TF-IDF: Term Frequency-Inverse Document Frequency;
TF: Term Frequency;
Difference:
TF-IDF is a numerical statistic that is intended to reflect how important a word is to the document in a collection of the corpus. TF is a count of the number of times a word occurs in a document.
When TF is used, the frequency of the words appearing in the corpus will be used, which will be mostly populated with stop words such as "the", "a", "and", etc. So, most of the output will be skewed towards the stop words.
When TF-IDF is used, the numerical output is such that the output is not affected by the most common words in the corpus. The way that this is done is that the weights of the common words are diminished down, and the weights of the uncommon words are scaled up.
Steps of text preprocessing can be divided into 3 major types:
Tokenization: It is a process where a group of texts are divided into smaller pieces, or tokens. Paragraphs are tokenized into sentences, and sentences are tokenized into words.
Normalization: Database normalization is where the structure of the database is converted to a series of normal forms. What it achieves is the organization of the data to appear similar across all records and fields. Similarly, in the field of NLP, normalization can be the process of converting all the words to its lowercase. This makes all the sentences and tokens appear the same and does not complicate the machine learning algorithm.
Noise Removal: It is a process of cleaning up the text. Doing things such as removing characters which are not required, such as white spaces, numbers, special characters, etc.

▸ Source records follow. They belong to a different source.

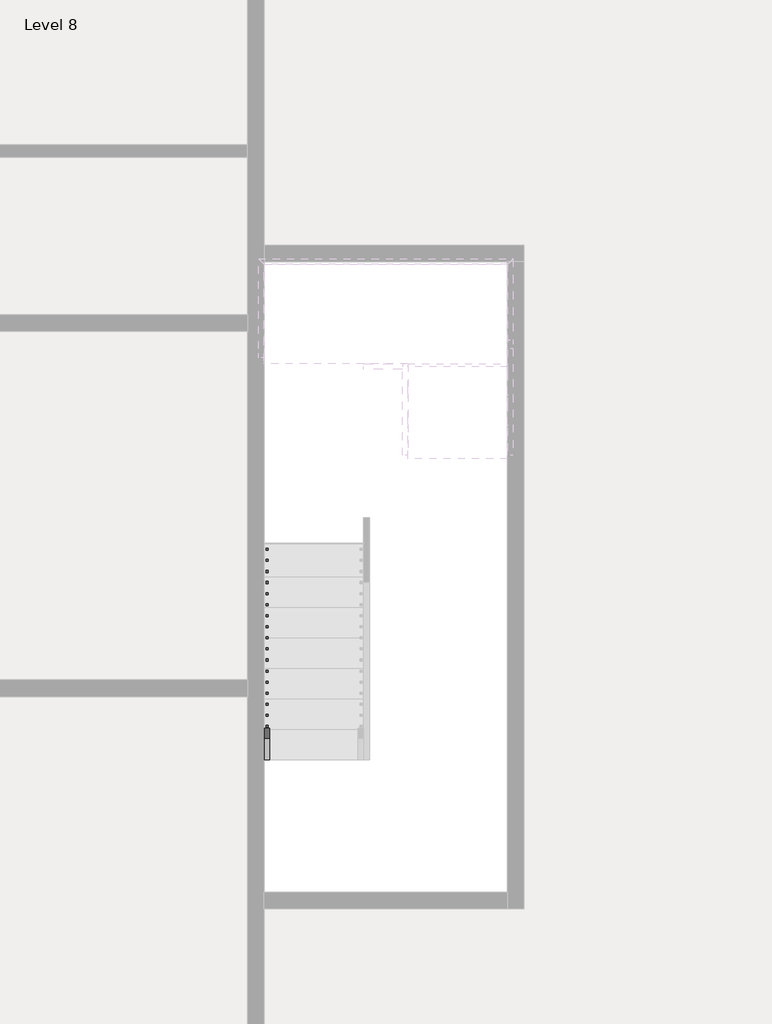
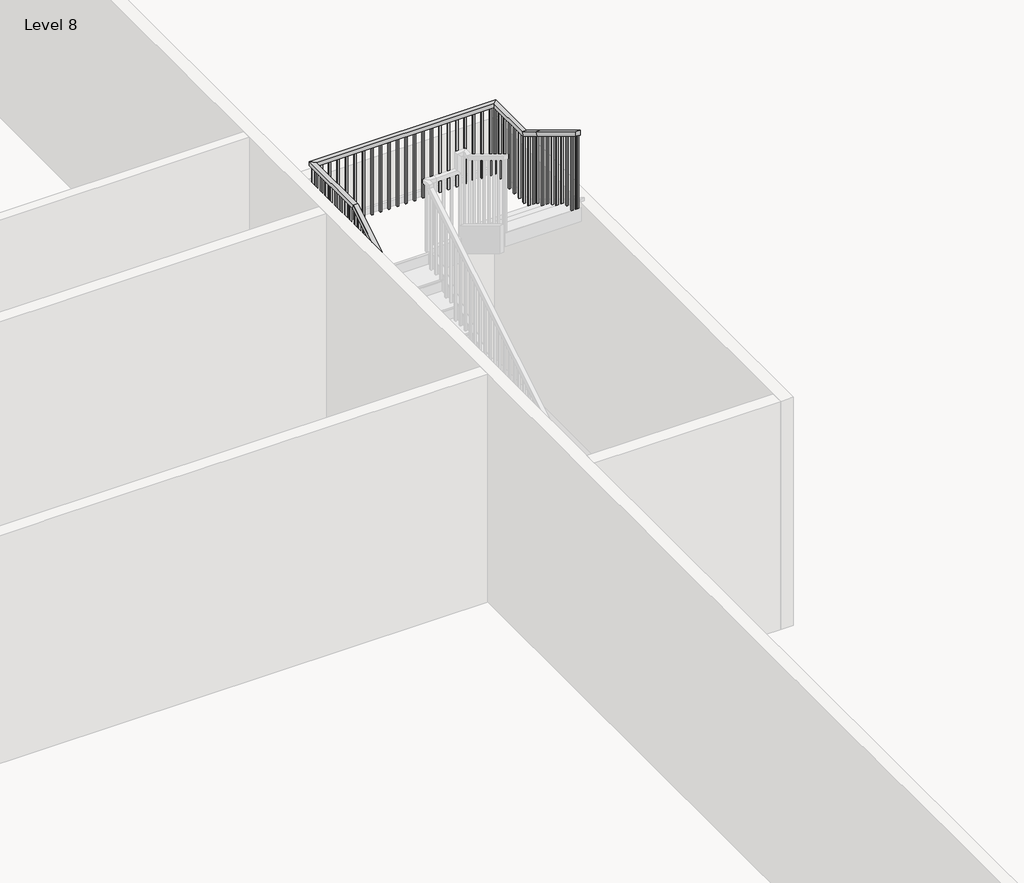
# One storey, part 6 of 8: 1 railing.
"""IFC4 building model written with IfcOpenShell, lengths in millimetres."""

from ifc_helpers import new_model, si_unit, frame, origin, place, context, project, spatial, polyline, outline, extrude, faceted_brep, element, save

model = new_model("IFC4")

# Units and contexts
model_context = context("Model", 3, world=origin())
ifc_project = project(units=[si_unit("LENGTHUNIT", "METRE", prefix="MILLI")], contexts=[model_context])

# Site, building, storey
site = spatial("IfcSite", under=ifc_project)
building = spatial("IfcBuilding", under=site)
storey = spatial("IfcBuildingStorey", under=building, Name="Level 8", Elevation=46570.6172466)

# Railing
placement = place(None, origin())
element("IfcRailing", 1, ObjectType="Handrail - Rectangular", at=placement, inside=storey, context=model_context, shape_type="SolidModel", body=[
    faceted_brep([(-3617.4415084, -23154.3851539, 47654.3505799), (-3617.4415084, -23154.3851539, 47594.9491197), (-3566.6415084, -23154.3851539, 47594.9491197), (-3566.6415084, -23154.3851539, 47654.3505799), (-3617.4415084, -19522.1851539, 49855.6839133), (-3617.4415084, -19507.9927445, 49804.8839133), (-3566.6415084, -19507.9927445, 49804.8839133), (-3566.6415084, -19522.1851539, 49855.6839133), (-3617.4415084, -18607.7851539, 49855.6839133), (-3617.4415084, -18607.7851539, 49804.8839133), (-3566.6415084, -18658.5851539, 49804.8839133), (-3566.6415084, -18658.5851539, 49855.6839133), (-1382.2415084, -18607.7851539, 49855.6839133), (-1382.2415084, -18607.7851539, 49804.8839133), (-1433.0415084, -18658.5851539, 49804.8839133), (-1433.0415084, -18658.5851539, 49855.6839133), (-1382.2415084, -19242.7851539, 49855.6839133), (-1382.2415084, -19256.9775633, 49804.8839133), (-1433.0415084, -19256.9775633, 49804.8839133), (-1433.0415084, -19242.7851539, 49855.6839133), (-1382.2415084, -19522.1851539, 50025.0172466), (-1382.2415084, -19548.5148811, 49981.5731968), (-1433.0415084, -19548.5148811, 49981.5731968), (-1433.0415084, -19522.1851539, 50025.0172466), (-1382.2415084, -20360.3851539, 50533.0172466), (-1433.0415084, -20360.3851539, 50533.0172466), (-1433.0415084, -20360.3851539, 50473.6157863), (-1382.2415084, -20360.3851539, 50473.6157863)], [[[0, 1, 2, 3]], [[1, 0, 4, 5]], [[2, 1, 5, 6]], [[3, 2, 6, 7]], [[0, 3, 7, 4]], [[5, 4, 8, 9]], [[6, 5, 9, 10]], [[7, 6, 10, 11]], [[4, 7, 11, 8]], [[9, 8, 12, 13]], [[10, 9, 13, 14]], [[11, 10, 14, 15]], [[8, 11, 15, 12]], [[13, 12, 16, 17]], [[14, 13, 17, 18]], [[15, 14, 18, 19]], [[12, 15, 19, 16]], [[17, 16, 20, 21]], [[18, 17, 21, 22]], [[19, 18, 22, 23]], [[16, 19, 23, 20]], [[24, 25, 26, 27]], [[21, 20, 24, 27]], [[22, 21, 27, 26]], [[23, 22, 26, 25]], [[20, 23, 25, 24]]]),
    extrude(outline(polyline([(-20325.4601539, 50452.4491197), (-20325.4601539, 49449.2839133), (-20344.5101539, 49449.2839133), (-20344.5101539, 50463.9945742), (-20325.4601539, 50452.4491197)])), frame((-1417.1665084, 0.0, 0.0), z_axis=(1.0, 0.0, 0.0), x_axis=(0.0, 1.0, 0.0)), (0.0, 0.0, 1.0), 19.05),
    extrude(outline(polyline([(-20223.8601539, 50390.8733621), (-20223.8601539, 49449.2839133), (-20242.9101539, 49449.2839133), (-20242.9101539, 50402.4188166), (-20223.8601539, 50390.8733621)])), frame((-1417.1665084, 0.0, 0.0), z_axis=(1.0, 0.0, 0.0), x_axis=(0.0, 1.0, 0.0)), (0.0, 0.0, 1.0), 19.05),
    extrude(outline(polyline([(-20122.2601539, 50329.2976045), (-20122.2601539, 49449.2839133), (-20141.3101539, 49449.2839133), (-20141.3101539, 50340.8430591), (-20122.2601539, 50329.2976045)])), frame((-1417.1665084, 0.0, 0.0), z_axis=(1.0, 0.0, 0.0), x_axis=(0.0, 1.0, 0.0)), (0.0, 0.0, 1.0), 19.05),
    extrude(outline(polyline([(-20020.6601539, 50267.721847), (-20020.6601539, 49279.9505799), (-20039.7101539, 49279.9505799), (-20039.7101539, 50279.2673015), (-20020.6601539, 50267.721847)])), frame((-1417.1665084, 0.0, 0.0), z_axis=(1.0, 0.0, 0.0), x_axis=(0.0, 1.0, 0.0)), (0.0, 0.0, 1.0), 19.05),
    extrude(outline(polyline([(-19919.0601539, 50206.1460894), (-19919.0601539, 49279.9505799), (-19938.1101539, 49279.9505799), (-19938.1101539, 50217.6915439), (-19919.0601539, 50206.1460894)])), frame((-1417.1665084, 0.0, 0.0), z_axis=(1.0, 0.0, 0.0), x_axis=(0.0, 1.0, 0.0)), (0.0, 0.0, 1.0), 19.05),
    extrude(outline(polyline([(-19817.4601539, 50144.5703318), (-19817.4601539, 49279.9505799), (-19836.5101539, 49279.9505799), (-19836.5101539, 50156.1157863), (-19817.4601539, 50144.5703318)])), frame((-1417.1665084, 0.0, 0.0), z_axis=(1.0, 0.0, 0.0), x_axis=(0.0, 1.0, 0.0)), (0.0, 0.0, 1.0), 19.05),
    extrude(outline(polyline([(-19715.8601539, 50082.9945742), (-19715.8601539, 49110.6172466), (-19734.9101539, 49110.6172466), (-19734.9101539, 50094.5400288), (-19715.8601539, 50082.9945742)])), frame((-1417.1665084, 0.0, 0.0), z_axis=(1.0, 0.0, 0.0), x_axis=(0.0, 1.0, 0.0)), (0.0, 0.0, 1.0), 19.05),
    extrude(outline(polyline([(-19614.2601539, 50021.4188166), (-19614.2601539, 49110.6172466), (-19633.3101539, 49110.6172466), (-19633.3101539, 50032.9642712), (-19614.2601539, 50021.4188166)])), frame((-1417.1665084, 0.0, 0.0), z_axis=(1.0, 0.0, 0.0), x_axis=(0.0, 1.0, 0.0)), (0.0, 0.0, 1.0), 19.05),
    extrude(outline(polyline([(-19436.4601539, 49913.6612409), (-19436.4601539, 48941.2839133), (-19455.5101539, 48941.2839133), (-19455.5101539, 49925.2066954), (-19436.4601539, 49913.6612409)])), frame((-1417.1665084, 0.0, 0.0), z_axis=(1.0, 0.0, 0.0), x_axis=(0.0, 1.0, 0.0)), (0.0, 0.0, 1.0), 19.05),
    extrude(outline(polyline([(-19334.8601539, 49852.0854833), (-19334.8601539, 48941.2839133), (-19353.9101539, 48941.2839133), (-19353.9101539, 49863.6309379), (-19334.8601539, 49852.0854833)])), frame((-1417.1665084, 0.0, 0.0), z_axis=(1.0, 0.0, 0.0), x_axis=(0.0, 1.0, 0.0)), (0.0, 0.0, 1.0), 19.05),
    extrude(outline(polyline([(-1398.1165084, -19233.2601539), (-1398.1165084, -19252.3101539), (-1417.1665084, -19252.3101539), (-1417.1665084, -19233.2601539), (-1398.1165084, -19233.2601539)])), frame((0.0, 0.0, 48941.2839133), z_axis=(0.0, 0.0, 1.0), x_axis=(1.0, 0.0, 0.0)), (0.0, 0.0, 1.0), 863.6),
    extrude(outline(polyline([(-1398.1165084, -19131.6601539), (-1398.1165084, -19150.7101539), (-1417.1665084, -19150.7101539), (-1417.1665084, -19131.6601539), (-1398.1165084, -19131.6601539)])), frame((0.0, 0.0, 48941.2839133), z_axis=(0.0, 0.0, 1.0), x_axis=(1.0, 0.0, 0.0)), (0.0, 0.0, 1.0), 863.6),
    extrude(outline(polyline([(-1398.1165084, -19030.0601539), (-1398.1165084, -19049.1101539), (-1417.1665084, -19049.1101539), (-1417.1665084, -19030.0601539), (-1398.1165084, -19030.0601539)])), frame((0.0, 0.0, 48941.2839133), z_axis=(0.0, 0.0, 1.0), x_axis=(1.0, 0.0, 0.0)), (0.0, 0.0, 1.0), 863.6),
    extrude(outline(polyline([(-1398.1165084, -18928.4601539), (-1398.1165084, -18947.5101539), (-1417.1665084, -18947.5101539), (-1417.1665084, -18928.4601539), (-1398.1165084, -18928.4601539)])), frame((0.0, 0.0, 48941.2839133), z_axis=(0.0, 0.0, 1.0), x_axis=(1.0, 0.0, 0.0)), (0.0, 0.0, 1.0), 863.6),
    extrude(outline(polyline([(-1398.1165084, -18826.8601539), (-1398.1165084, -18845.9101539), (-1417.1665084, -18845.9101539), (-1417.1665084, -18826.8601539), (-1398.1165084, -18826.8601539)])), frame((0.0, 0.0, 48941.2839133), z_axis=(0.0, 0.0, 1.0), x_axis=(1.0, 0.0, 0.0)), (0.0, 0.0, 1.0), 863.6),
    extrude(outline(polyline([(-1398.1165084, -18725.2601539), (-1398.1165084, -18744.3101539), (-1417.1665084, -18744.3101539), (-1417.1665084, -18725.2601539), (-1398.1165084, -18725.2601539)])), frame((0.0, 0.0, 48941.2839133), z_axis=(0.0, 0.0, 1.0), x_axis=(1.0, 0.0, 0.0)), (0.0, 0.0, 1.0), 863.6),
    extrude(outline(polyline([(-1467.9665084, -18623.6601539), (-1448.9165084, -18623.6601539), (-1448.9165084, -18642.7101539), (-1467.9665084, -18642.7101539), (-1467.9665084, -18623.6601539)])), frame((0.0, 0.0, 48941.2839133), z_axis=(0.0, 0.0, 1.0), x_axis=(1.0, 0.0, 0.0)), (0.0, 0.0, 1.0), 863.6),
    extrude(outline(polyline([(-1569.5665084, -18623.6601539), (-1550.5165084, -18623.6601539), (-1550.5165084, -18642.7101539), (-1569.5665084, -18642.7101539), (-1569.5665084, -18623.6601539)])), frame((0.0, 0.0, 48941.2839133), z_axis=(0.0, 0.0, 1.0), x_axis=(1.0, 0.0, 0.0)), (0.0, 0.0, 1.0), 863.6),
    extrude(outline(polyline([(-1671.1665084, -18623.6601539), (-1652.1165084, -18623.6601539), (-1652.1165084, -18642.7101539), (-1671.1665084, -18642.7101539), (-1671.1665084, -18623.6601539)])), frame((0.0, 0.0, 48941.2839133), z_axis=(0.0, 0.0, 1.0), x_axis=(1.0, 0.0, 0.0)), (0.0, 0.0, 1.0), 863.6),
    extrude(outline(polyline([(-1772.7665084, -18623.6601539), (-1753.7165084, -18623.6601539), (-1753.7165084, -18642.7101539), (-1772.7665084, -18642.7101539), (-1772.7665084, -18623.6601539)])), frame((0.0, 0.0, 48941.2839133), z_axis=(0.0, 0.0, 1.0), x_axis=(1.0, 0.0, 0.0)), (0.0, 0.0, 1.0), 863.6),
    extrude(outline(polyline([(-1874.3665084, -18623.6601539), (-1855.3165084, -18623.6601539), (-1855.3165084, -18642.7101539), (-1874.3665084, -18642.7101539), (-1874.3665084, -18623.6601539)])), frame((0.0, 0.0, 48941.2839133), z_axis=(0.0, 0.0, 1.0), x_axis=(1.0, 0.0, 0.0)), (0.0, 0.0, 1.0), 863.6),
    extrude(outline(polyline([(-1975.9665084, -18623.6601539), (-1956.9165084, -18623.6601539), (-1956.9165084, -18642.7101539), (-1975.9665084, -18642.7101539), (-1975.9665084, -18623.6601539)])), frame((0.0, 0.0, 48941.2839133), z_axis=(0.0, 0.0, 1.0), x_axis=(1.0, 0.0, 0.0)), (0.0, 0.0, 1.0), 863.6),
    extrude(outline(polyline([(-2077.5665084, -18623.6601539), (-2058.5165084, -18623.6601539), (-2058.5165084, -18642.7101539), (-2077.5665084, -18642.7101539), (-2077.5665084, -18623.6601539)])), frame((0.0, 0.0, 48941.2839133), z_axis=(0.0, 0.0, 1.0), x_axis=(1.0, 0.0, 0.0)), (0.0, 0.0, 1.0), 863.6),
    extrude(outline(polyline([(-2179.1665084, -18623.6601539), (-2160.1165084, -18623.6601539), (-2160.1165084, -18642.7101539), (-2179.1665084, -18642.7101539), (-2179.1665084, -18623.6601539)])), frame((0.0, 0.0, 48941.2839133), z_axis=(0.0, 0.0, 1.0), x_axis=(1.0, 0.0, 0.0)), (0.0, 0.0, 1.0), 863.6),
    extrude(outline(polyline([(-2280.7665084, -18623.6601539), (-2261.7165084, -18623.6601539), (-2261.7165084, -18642.7101539), (-2280.7665084, -18642.7101539), (-2280.7665084, -18623.6601539)])), frame((0.0, 0.0, 48941.2839133), z_axis=(0.0, 0.0, 1.0), x_axis=(1.0, 0.0, 0.0)), (0.0, 0.0, 1.0), 863.6),
    extrude(outline(polyline([(-2382.3665084, -18623.6601539), (-2363.3165084, -18623.6601539), (-2363.3165084, -18642.7101539), (-2382.3665084, -18642.7101539), (-2382.3665084, -18623.6601539)])), frame((0.0, 0.0, 48941.2839133), z_axis=(0.0, 0.0, 1.0), x_axis=(1.0, 0.0, 0.0)), (0.0, 0.0, 1.0), 863.6),
    extrude(outline(polyline([(-2483.9665084, -18623.6601539), (-2464.9165084, -18623.6601539), (-2464.9165084, -18642.7101539), (-2483.9665084, -18642.7101539), (-2483.9665084, -18623.6601539)])), frame((0.0, 0.0, 48941.2839133), z_axis=(0.0, 0.0, 1.0), x_axis=(1.0, 0.0, 0.0)), (0.0, 0.0, 1.0), 863.6),
    extrude(outline(polyline([(-2585.5665084, -18623.6601539), (-2566.5165084, -18623.6601539), (-2566.5165084, -18642.7101539), (-2585.5665084, -18642.7101539), (-2585.5665084, -18623.6601539)])), frame((0.0, 0.0, 48941.2839133), z_axis=(0.0, 0.0, 1.0), x_axis=(1.0, 0.0, 0.0)), (0.0, 0.0, 1.0), 863.6),
    extrude(outline(polyline([(-2687.1665084, -18623.6601539), (-2668.1165084, -18623.6601539), (-2668.1165084, -18642.7101539), (-2687.1665084, -18642.7101539), (-2687.1665084, -18623.6601539)])), frame((0.0, 0.0, 48941.2839133), z_axis=(0.0, 0.0, 1.0), x_axis=(1.0, 0.0, 0.0)), (0.0, 0.0, 1.0), 863.6),
    extrude(outline(polyline([(-2788.7665084, -18623.6601539), (-2769.7165084, -18623.6601539), (-2769.7165084, -18642.7101539), (-2788.7665084, -18642.7101539), (-2788.7665084, -18623.6601539)])), frame((0.0, 0.0, 48941.2839133), z_axis=(0.0, 0.0, 1.0), x_axis=(1.0, 0.0, 0.0)), (0.0, 0.0, 1.0), 863.6),
    extrude(outline(polyline([(-2890.3665084, -18623.6601539), (-2871.3165084, -18623.6601539), (-2871.3165084, -18642.7101539), (-2890.3665084, -18642.7101539), (-2890.3665084, -18623.6601539)])), frame((0.0, 0.0, 48941.2839133), z_axis=(0.0, 0.0, 1.0), x_axis=(1.0, 0.0, 0.0)), (0.0, 0.0, 1.0), 863.6),
    extrude(outline(polyline([(-2991.9665084, -18623.6601539), (-2972.9165084, -18623.6601539), (-2972.9165084, -18642.7101539), (-2991.9665084, -18642.7101539), (-2991.9665084, -18623.6601539)])), frame((0.0, 0.0, 48941.2839133), z_axis=(0.0, 0.0, 1.0), x_axis=(1.0, 0.0, 0.0)), (0.0, 0.0, 1.0), 863.6),
    extrude(outline(polyline([(-3093.5665084, -18623.6601539), (-3074.5165084, -18623.6601539), (-3074.5165084, -18642.7101539), (-3093.5665084, -18642.7101539), (-3093.5665084, -18623.6601539)])), frame((0.0, 0.0, 48941.2839133), z_axis=(0.0, 0.0, 1.0), x_axis=(1.0, 0.0, 0.0)), (0.0, 0.0, 1.0), 863.6),
    extrude(outline(polyline([(-3195.1665084, -18623.6601539), (-3176.1165084, -18623.6601539), (-3176.1165084, -18642.7101539), (-3195.1665084, -18642.7101539), (-3195.1665084, -18623.6601539)])), frame((0.0, 0.0, 48941.2839133), z_axis=(0.0, 0.0, 1.0), x_axis=(1.0, 0.0, 0.0)), (0.0, 0.0, 1.0), 863.6),
    extrude(outline(polyline([(-3296.7665084, -18623.6601539), (-3277.7165084, -18623.6601539), (-3277.7165084, -18642.7101539), (-3296.7665084, -18642.7101539), (-3296.7665084, -18623.6601539)])), frame((0.0, 0.0, 48941.2839133), z_axis=(0.0, 0.0, 1.0), x_axis=(1.0, 0.0, 0.0)), (0.0, 0.0, 1.0), 863.6),
    extrude(outline(polyline([(-3398.3665084, -18623.6601539), (-3379.3165084, -18623.6601539), (-3379.3165084, -18642.7101539), (-3398.3665084, -18642.7101539), (-3398.3665084, -18623.6601539)])), frame((0.0, 0.0, 48941.2839133), z_axis=(0.0, 0.0, 1.0), x_axis=(1.0, 0.0, 0.0)), (0.0, 0.0, 1.0), 863.6),
    extrude(outline(polyline([(-3499.9665084, -18623.6601539), (-3480.9165084, -18623.6601539), (-3480.9165084, -18642.7101539), (-3499.9665084, -18642.7101539), (-3499.9665084, -18623.6601539)])), frame((0.0, 0.0, 48941.2839133), z_axis=(0.0, 0.0, 1.0), x_axis=(1.0, 0.0, 0.0)), (0.0, 0.0, 1.0), 863.6),
    extrude(outline(polyline([(-3601.5665084, -18718.9101539), (-3601.5665084, -18699.8601539), (-3582.5165084, -18699.8601539), (-3582.5165084, -18718.9101539), (-3601.5665084, -18718.9101539)])), frame((0.0, 0.0, 48941.2839133), z_axis=(0.0, 0.0, 1.0), x_axis=(1.0, 0.0, 0.0)), (0.0, 0.0, 1.0), 863.6),
    extrude(outline(polyline([(-3601.5665084, -18820.5101539), (-3601.5665084, -18801.4601539), (-3582.5165084, -18801.4601539), (-3582.5165084, -18820.5101539), (-3601.5665084, -18820.5101539)])), frame((0.0, 0.0, 48941.2839133), z_axis=(0.0, 0.0, 1.0), x_axis=(1.0, 0.0, 0.0)), (0.0, 0.0, 1.0), 863.6),
    extrude(outline(polyline([(-3601.5665084, -18922.1101539), (-3601.5665084, -18903.0601539), (-3582.5165084, -18903.0601539), (-3582.5165084, -18922.1101539), (-3601.5665084, -18922.1101539)])), frame((0.0, 0.0, 48941.2839133), z_axis=(0.0, 0.0, 1.0), x_axis=(1.0, 0.0, 0.0)), (0.0, 0.0, 1.0), 863.6),
    extrude(outline(polyline([(-3601.5665084, -19023.7101539), (-3601.5665084, -19004.6601539), (-3582.5165084, -19004.6601539), (-3582.5165084, -19023.7101539), (-3601.5665084, -19023.7101539)])), frame((0.0, 0.0, 48941.2839133), z_axis=(0.0, 0.0, 1.0), x_axis=(1.0, 0.0, 0.0)), (0.0, 0.0, 1.0), 863.6),
    extrude(outline(polyline([(-3601.5665084, -19125.3101539), (-3601.5665084, -19106.2601539), (-3582.5165084, -19106.2601539), (-3582.5165084, -19125.3101539), (-3601.5665084, -19125.3101539)])), frame((0.0, 0.0, 48941.2839133), z_axis=(0.0, 0.0, 1.0), x_axis=(1.0, 0.0, 0.0)), (0.0, 0.0, 1.0), 863.6),
    extrude(outline(polyline([(-3601.5665084, -19226.9101539), (-3601.5665084, -19207.8601539), (-3582.5165084, -19207.8601539), (-3582.5165084, -19226.9101539), (-3601.5665084, -19226.9101539)])), frame((0.0, 0.0, 48941.2839133), z_axis=(0.0, 0.0, 1.0), x_axis=(1.0, 0.0, 0.0)), (0.0, 0.0, 1.0), 863.6),
    extrude(outline(polyline([(-3601.5665084, -19328.5101539), (-3601.5665084, -19309.4601539), (-3582.5165084, -19309.4601539), (-3582.5165084, -19328.5101539), (-3601.5665084, -19328.5101539)])), frame((0.0, 0.0, 48941.2839133), z_axis=(0.0, 0.0, 1.0), x_axis=(1.0, 0.0, 0.0)), (0.0, 0.0, 1.0), 863.6),
    extrude(outline(polyline([(-3601.5665084, -19430.1101539), (-3601.5665084, -19411.0601539), (-3582.5165084, -19411.0601539), (-3582.5165084, -19430.1101539), (-3601.5665084, -19430.1101539)])), frame((0.0, 0.0, 48941.2839133), z_axis=(0.0, 0.0, 1.0), x_axis=(1.0, 0.0, 0.0)), (0.0, 0.0, 1.0), 863.6),
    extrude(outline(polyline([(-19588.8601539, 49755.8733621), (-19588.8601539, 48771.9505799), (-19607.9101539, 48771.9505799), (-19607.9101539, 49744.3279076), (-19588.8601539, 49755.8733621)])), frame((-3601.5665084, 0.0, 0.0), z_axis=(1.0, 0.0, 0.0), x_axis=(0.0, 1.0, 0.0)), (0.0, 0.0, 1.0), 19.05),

Raw inputs --> Noise Removal(HTML tag, stop words, Punctuations, URL and white spaces) --> Text Normalization (Tokenization, Lemmatization, Stemming, Stentence Segmentation) --> Object Stadardisation (Regular Expression and Custom look up table) --> Cleaned Text
What is a One-Hot Vector? How can they be used in Natural Language Processing? What are some disadvantages of using a One-Hot Vector for Natural Language Processing?
A one-hot is a group of bits which only has one high 1 bit and all other bits are low 0.
In Natural Language Processing, the one-hot vector can be used to represent a sentence in the form of a matrix of 1 x N size where N is the number of individual words in the corpus.
For example, the sentence "Peter picked a piece of pickled pepper" can be transformed into a matrix of 1 x 7 where each word is represented by the 7 columns. Hence the output of the sentence is: [0000001, 0000010, 0000100, 0001000, 0010000, 0100000, 1000000]
Dimensionality of the one-hot vector will increase as the size of the corpus increases. The vector is mostly populated with zeros with only one useful data.
Due to the dimensionality, an exponentially large memory will be used. For example, for a document of 50,000 vocabulary, we need 2,500,000,000 units of memory (50,000 * 50,000).
It is hard to extract meaning from the one-hot vectors. The output contains mostly zeros and a single one, so the vector can not create relationships between the different words.
Some ambiguities faced are:
Lexical Ambiguity: Words which have more than one meaning.
Syntactic Ambiguity: Grammars used in sentences are ambiguous, and also more than one parsed tree is correct for a sentence given grammar.
Semantic Ambiguity: More than one semantic interpretation for a sentence.
Pragmatic Ambiguity: It arises when the statement is not specific, and the context does not provide the information needed to clarify the statement.
PoS tagging is used to classify each word into its part of speech.
Parts of speech can be used to find grammatical, or lexical patterns without specifying the word used.
In English especially, the same word can be different parts of speech, so hence, PoS tagging can be helpful to differentiate between them.